# Hershel House



## Throwback (Jan 30, 2011)

interesting. 

http://americanhistoricservices.com/html/hershel_house.html

T


----------



## HBC4570 (Jan 30, 2011)

house, a true master.


----------



## bam_bam (Jan 30, 2011)




----------



## fishfryer (Jan 30, 2011)

I've admired House's rifles and his art for several years.Many people have a "dream"gun,mine would be a Hershel House handmade rifle.The greatest praise I can think of for him would be the way he has carried on the old crafts, and kept them alive.You could probably drop him off in the 18th century,and he would fit in so that no one could tell.


----------



## Buck111 (Jan 30, 2011)

I'd like to spend a week in that shop.


----------



## Al33 (Jan 30, 2011)

WOW, what an interesting thread! Thanks Throwback for the link and also bam bam for the You-Tube link!

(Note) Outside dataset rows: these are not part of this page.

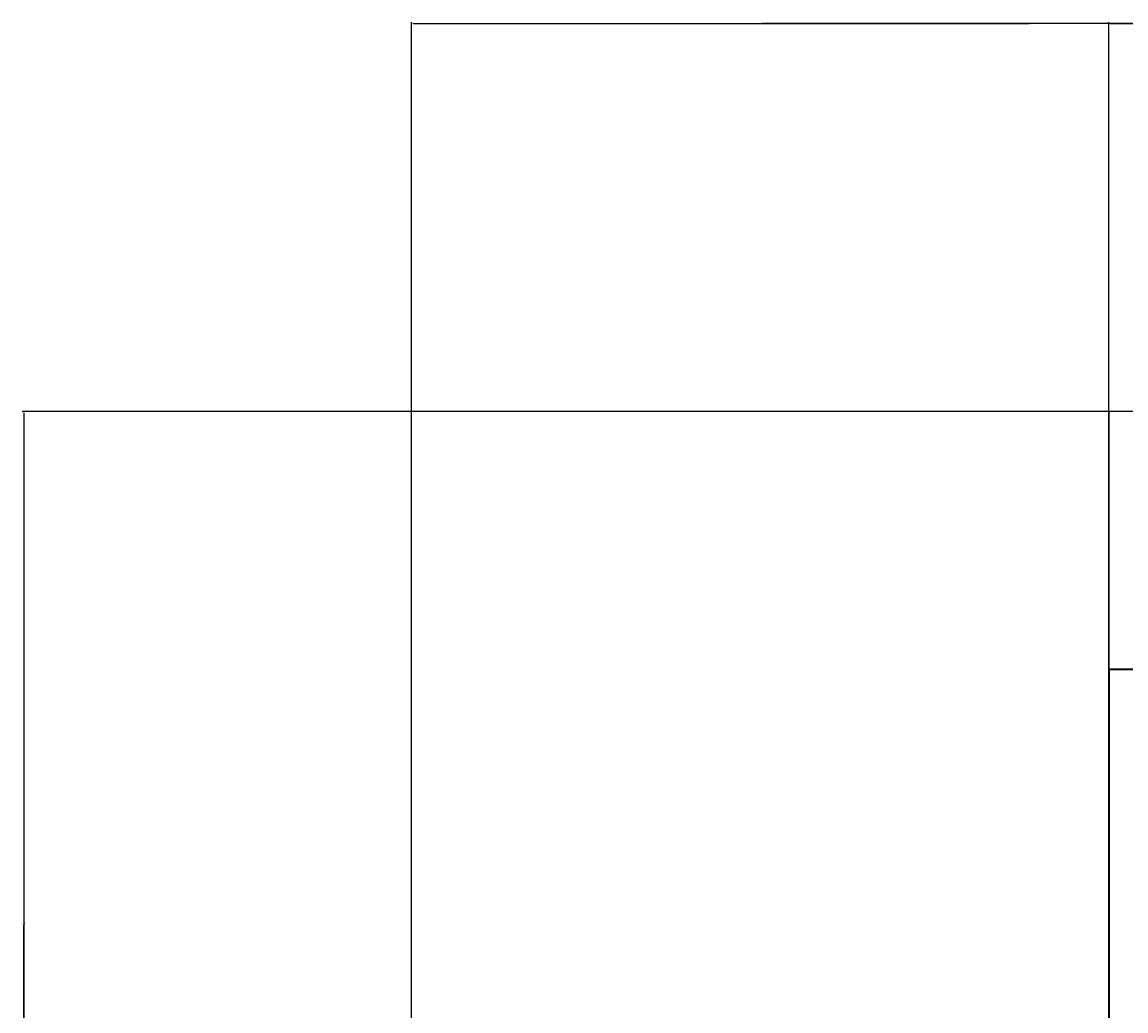
# Model space of a CAD drawing. Units: feet. Extents: x 105 to 1094, y -88 to 588.
# Tile 24 of 59: x 105 to 234, y 473 to 588. Entities that reach past the tile are written whole.
import ezdxf

# ---------------------------------------------------------------- set-up
doc = ezdxf.new("R2010")
doc.units = ezdxf.units.FT
doc.header["$MEASUREMENT"] = 0
for name, color, linetype, lineweight in [('A-ANNO-DIMS', 2, 'Continuous', 18), ('A-FLOR-PROJ', 8, 'Continuous', 25), ('A-WALL', 7, 'Continuous', 35)]:
    doc.layers.add(name, color=color, linetype=linetype, lineweight=lineweight)
doc.styles.get("Standard").update_dxf_attribs({"font": 'arial.ttf'})
doc.dimstyles.get("Standard").update_dxf_attribs({"dimtxt": 0.18, "dimasz": 0.18, "dimexe": 0.18, "dimexo": 0.0625, "dimgap": 0.09, "dimtad": 0, "dimtih": 1, "dimtoh": 1, "dimdec": 4, "dimzin": 0, "dimdsep": 46, "dimtxsty": 'Standard', "dimcen": 0.09, "dimadec": 0, "dimazin": 0, "dimtfac": 1, "dimtdec": 4, "dimtofl": 0, "dimtmove": 0, "dimatfit": 3, "dimfxl": 1, "dimtolj": 1, "dimtzin": 0, "dimarcsym": 0})

# ---------------------------------------------------------------- blocks, each defined once
blk = doc.blocks.new('*D21')
at = {"layer": 'A-ANNO-DIMS', "color": 0, "lineweight": -2, "transparency": 16777216}
for p, q in [((849.63, 543.08), (105.46, 543.08)), ((105.64, 542.9), (105.64, 250.26)), ((105.64, -42.74), (105.64, 249.9)), ((849.63, -42.92), (105.46, -42.92))]:
    blk.add_line(p, q, dxfattribs=at)
at = {"layer": 'A-ANNO-DIMS', "color": 0, "transparency": 16777216}
for points in [[(105.61, 542.9), (105.67, 542.9), (105.64, 543.08)], [(105.61, -42.74), (105.67, -42.74), (105.64, -42.92)]]:
    blk.add_solid(points, dxfattribs=at)
at = {"layer": 'Defpoints', "color": 0, "transparency": 16777216}
for p in [(105.64, 543.08), (849.69, 543.08), (849.69, -42.92)]:
    blk.add_point(p, dxfattribs=at)
at = {"layer": 'A-ANNO-DIMS', "color": 0, "transparency": 16777216, "insert": (105.64, 250.08), "char_height": 0.18, "attachment_point": 5}
blk.add_mtext('\\A1;586', dxfattribs=at)
blk = doc.blocks.new('*D22')
at = {"layer": 'A-ANNO-DIMS', "color": 0, "lineweight": -2, "transparency": 16777216}
for p, q in [((150.69, 424.14), (150.69, 588.31)), ((150.87, 588.13), (190.99, 588.13)), ((231.51, 588.13), (191.39, 588.13)), ((231.69, 543.14), (231.69, 588.31))]:
    blk.add_line(p, q, dxfattribs=at)
at = {"layer": 'A-ANNO-DIMS', "color": 0, "transparency": 16777216}
for points in [[(150.87, 588.16), (150.87, 588.1), (150.69, 588.13)], [(231.51, 588.16), (231.51, 588.1), (231.69, 588.13)]]:
    blk.add_solid(points, dxfattribs=at)
at = {"layer": 'Defpoints', "color": 0, "transparency": 16777216}
for p in [(231.69, 588.13), (231.69, 543.08), (150.69, 424.08)]:
    blk.add_point(p, dxfattribs=at)
at = {"layer": 'A-ANNO-DIMS', "color": 0, "transparency": 16777216, "insert": (191.19, 588.13), "char_height": 0.18, "attachment_point": 5}
blk.add_mtext('\\A1;81', dxfattribs=at)
blk = doc.blocks.new('*D23')
at = {"layer": 'A-ANNO-DIMS', "color": 0, "lineweight": -2, "transparency": 16777216}
for p, q in [((231.69, 543.14), (231.69, 588.31)), ((231.87, 588.13), (290.41, 588.13)), ((349.51, 588.13), (290.97, 588.13)), ((349.69, 543.14), (349.69, 588.31))]:
    blk.add_line(p, q, dxfattribs=at)
at = {"layer": 'A-ANNO-DIMS', "color": 0, "transparency": 16777216}
for points in [[(231.87, 588.16), (231.87, 588.1), (231.69, 588.13)], [(349.51, 588.16), (349.51, 588.1), (349.69, 588.13)]]:
    blk.add_solid(points, dxfattribs=at)
at = {"layer": 'Defpoints', "color": 0, "transparency": 16777216}
for p in [(349.69, 588.13), (231.69, 543.08), (349.69, 543.08)]:
    blk.add_point(p, dxfattribs=at)
at = {"layer": 'A-ANNO-DIMS', "color": 0, "transparency": 16777216, "insert": (290.69, 588.13), "char_height": 0.18, "attachment_point": 5}
blk.add_mtext('\\A1;118', dxfattribs=at)
blk = doc.blocks.new('*D27')
at = {"layer": 'A-ANNO-DIMS', "color": 0, "lineweight": -2, "transparency": 16777216}
for p, q in [((231.63, 543.08), (105.46, 543.08)), ((105.64, 542.9), (105.64, 483.76)), ((105.64, 424.26), (105.64, 483.4)), ((150.63, 424.08), (105.46, 424.08))]:
    blk.add_line(p, q, dxfattribs=at)
at = {"layer": 'A-ANNO-DIMS', "color": 0, "transparency": 16777216}
for points in [[(105.61, 542.9), (105.67, 542.9), (105.64, 543.08)], [(105.61, 424.26), (105.67, 424.26), (105.64, 424.08)]]:
    blk.add_solid(points, dxfattribs=at)
at = {"layer": 'Defpoints', "color": 0, "transparency": 16777216}
for p in [(105.64, 543.08), (231.69, 543.08), (150.69, 424.08)]:
    blk.add_point(p, dxfattribs=at)
at = {"layer": 'A-ANNO-DIMS', "color": 0, "transparency": 16777216, "insert": (105.64, 483.58), "char_height": 0.18, "attachment_point": 5}
blk.add_mtext('\\A1;119', dxfattribs=at)
blk = doc.blocks.new('*D38')
at = {"layer": 'A-ANNO-DIMS', "color": 0, "lineweight": -2, "transparency": 16777216}
for p, q in [((150.69, 224.14), (150.69, 588.31)), ((150.87, 588.13), (222.41, 588.13)), ((294.51, 588.13), (222.97, 588.13)), ((294.69, 224.14), (294.69, 588.31))]:
    blk.add_line(p, q, dxfattribs=at)
at = {"layer": 'A-ANNO-DIMS', "color": 0, "transparency": 16777216}
for points in [[(150.87, 588.16), (150.87, 588.1), (150.69, 588.13)], [(294.51, 588.16), (294.51, 588.1), (294.69, 588.13)]]:
    blk.add_solid(points, dxfattribs=at)
at = {"layer": 'Defpoints', "color": 0, "transparency": 16777216}
for p in [(294.69, 588.13), (150.69, 224.08), (294.69, 224.08)]:
    blk.add_point(p, dxfattribs=at)
at = {"layer": 'A-ANNO-DIMS', "color": 0, "transparency": 16777216, "insert": (222.69, 588.13), "char_height": 0.18, "attachment_point": 5}
blk.add_mtext('\\A1;144', dxfattribs=at)
blk = doc.blocks.new('*D42')
at = {"layer": 'A-ANNO-DIMS', "color": 0, "lineweight": -2, "transparency": 16777216}
for p, q in [((231.69, 513.14), (231.69, 588.31)), ((231.87, 588.13), (245.97, 588.13)), ((260.51, 588.13), (246.41, 588.13)), ((260.69, 513.14), (260.69, 588.31))]:
    blk.add_line(p, q, dxfattribs=at)
at = {"layer": 'A-ANNO-DIMS', "color": 0, "transparency": 16777216}
for points in [[(231.87, 588.16), (231.87, 588.1), (231.69, 588.13)], [(260.51, 588.16), (260.51, 588.1), (260.69, 588.13)]]:
    blk.add_solid(points, dxfattribs=at)
at = {"layer": 'Defpoints', "color": 0, "transparency": 16777216}
for p in [(260.69, 588.13), (231.69, 513.08), (260.69, 513.08)]:
    blk.add_point(p, dxfattribs=at)
at = {"layer": 'A-ANNO-DIMS', "color": 0, "transparency": 16777216, "insert": (246.19, 588.13), "char_height": 0.18, "attachment_point": 5}
blk.add_mtext('\\A1;29', dxfattribs=at)

msp = doc.modelspace()

# ---------------------------------------------------------------- linework, layer by layer
at = {"layer": 'A-FLOR-PROJ'}
for p, q in [((349.6883, 543.0812), (231.6883, 543.0812)), ((231.6883, 543.0812), (231.6883, 513.0812))]:
    msp.add_line(p, q, dxfattribs=at)
at = {"layer": 'A-WALL'}
for p, q in [((349.6883, 513.0812), (231.6883, 513.0812)), ((231.6883, 513.0812), (231.6883, 396.0812))]:
    msp.add_line(p, q, dxfattribs=at)

# ---------------------------------------------------------------- dimensions: what is measured, and where the dimension line sits
at = {"layer": 'A-ANNO-DIMS'}
for base, p1, p2, picture, middle in [((231.6883, 588.1312), (150.6883, 424.0812), (231.6883, 543.0812), '*D22', (191.1883, 588.1312)), ((294.6883, 588.1312), (150.6883, 224.0812), (294.6883, 224.0812), '*D38', (222.6883, 588.1312)), ((349.6883, 588.1312), (231.6883, 543.0812), (349.6883, 543.0812), '*D23', (290.6883, 588.1312)), ((260.6883, 588.1312), (231.6883, 513.0812), (260.6883, 513.0812), '*D42', (246.1883, 588.1312))]:
    dim = msp.add_linear_dim(base=base, p1=p1, p2=p2, dimstyle='Standard', override={"dimdec": 0, "dimlfac": 1, "dimrnd": 0, "dimzin": 0, "dimdsep": 46, "dimlunit": 2}, dxfattribs=at)
    dim.commit()
    dim.dimension.update_dxf_attribs({"geometry": picture, "text_midpoint": middle})
for p1, p2, picture, middle in [((849.6883, -42.9188), (849.6883, 543.0812), '*D21', (105.6383, 250.0812)), ((150.6883, 424.0812), (231.6883, 543.0812), '*D27', (105.6383, 483.5812))]:
    dim = msp.add_linear_dim(base=(105.6383, 543.0812), p1=p1, p2=p2, angle=90, dimstyle='Standard', override={"dimdec": 0, "dimlfac": 1, "dimrnd": 0, "dimzin": 0, "dimdsep": 46, "dimlunit": 2}, dxfattribs=at)
    dim.commit()
    dim.dimension.update_dxf_attribs({"geometry": picture, "text_midpoint": middle})

doc.saveas('drawing.dxf')

I have never had a fancy for flintlocks or any kind of BP weapon but I sure do appreciate them and the men and women who do have a love for them. Anyone who takes game with a true flint lock rifle has my utmost respect.


----------



## bam_bam (Jan 30, 2011)

I admire house also, I am wanting to build a flinter something awful.


----------



## flyfisher76544 (Jan 30, 2011)

bam_bam said:


> I admire house also, I am wanting to build a flinter something awful.



Hershel House, a true artist.......
bam bam, you narrow it down any? Or are you still drooling over the picts?


----------



## bam_bam (Jan 31, 2011)

flyfisher76544 said:


> Hershel House, a true artist.......
> bam bam, you narrow it down any? Or are you still drooling over the picts?



Yeah I know what I am gonna get when I get the cash, good flintlock kits dont come cheap. I am looking to get a Mark Silver in .62 cal from Jim Chambers.


----------



## pine nut (Jan 31, 2011)

Thanks for the link Chris.  Seein' a lefty a shootin' a right handed flintlock rifle made me flinch!  Very interestin' video.  Yall know ther ain't no old word fer video?


----------



## flyfisher76544 (Jan 31, 2011)

bam_bam said:


> Yeah I know what I am gonna get when I get the cash, good flintlock kits dont come cheap. I am looking to get a Mark Silver in .62 cal from Jim Chambers.



Good choice, do a build along or something so we can see how it goes.


----------



## bam_bam (Feb 1, 2011)

flyfisher76544 said:


> Good choice, do a build along or something so we can see how it goes.



Yeah I will soon as I get one. May be a little while though, and I know it will take a while to finish.


----------



## bownarrow (Feb 7, 2011)

Hershel was in Foxfire book #5 (1979) and that story kindled my interest in black powder guns. In it, he built everything except the barrel and lock from scratch. Yeah, building a flinter's been on my bucket list for a while, unfortunately that list seems to get longer as my time gets shorter....


----------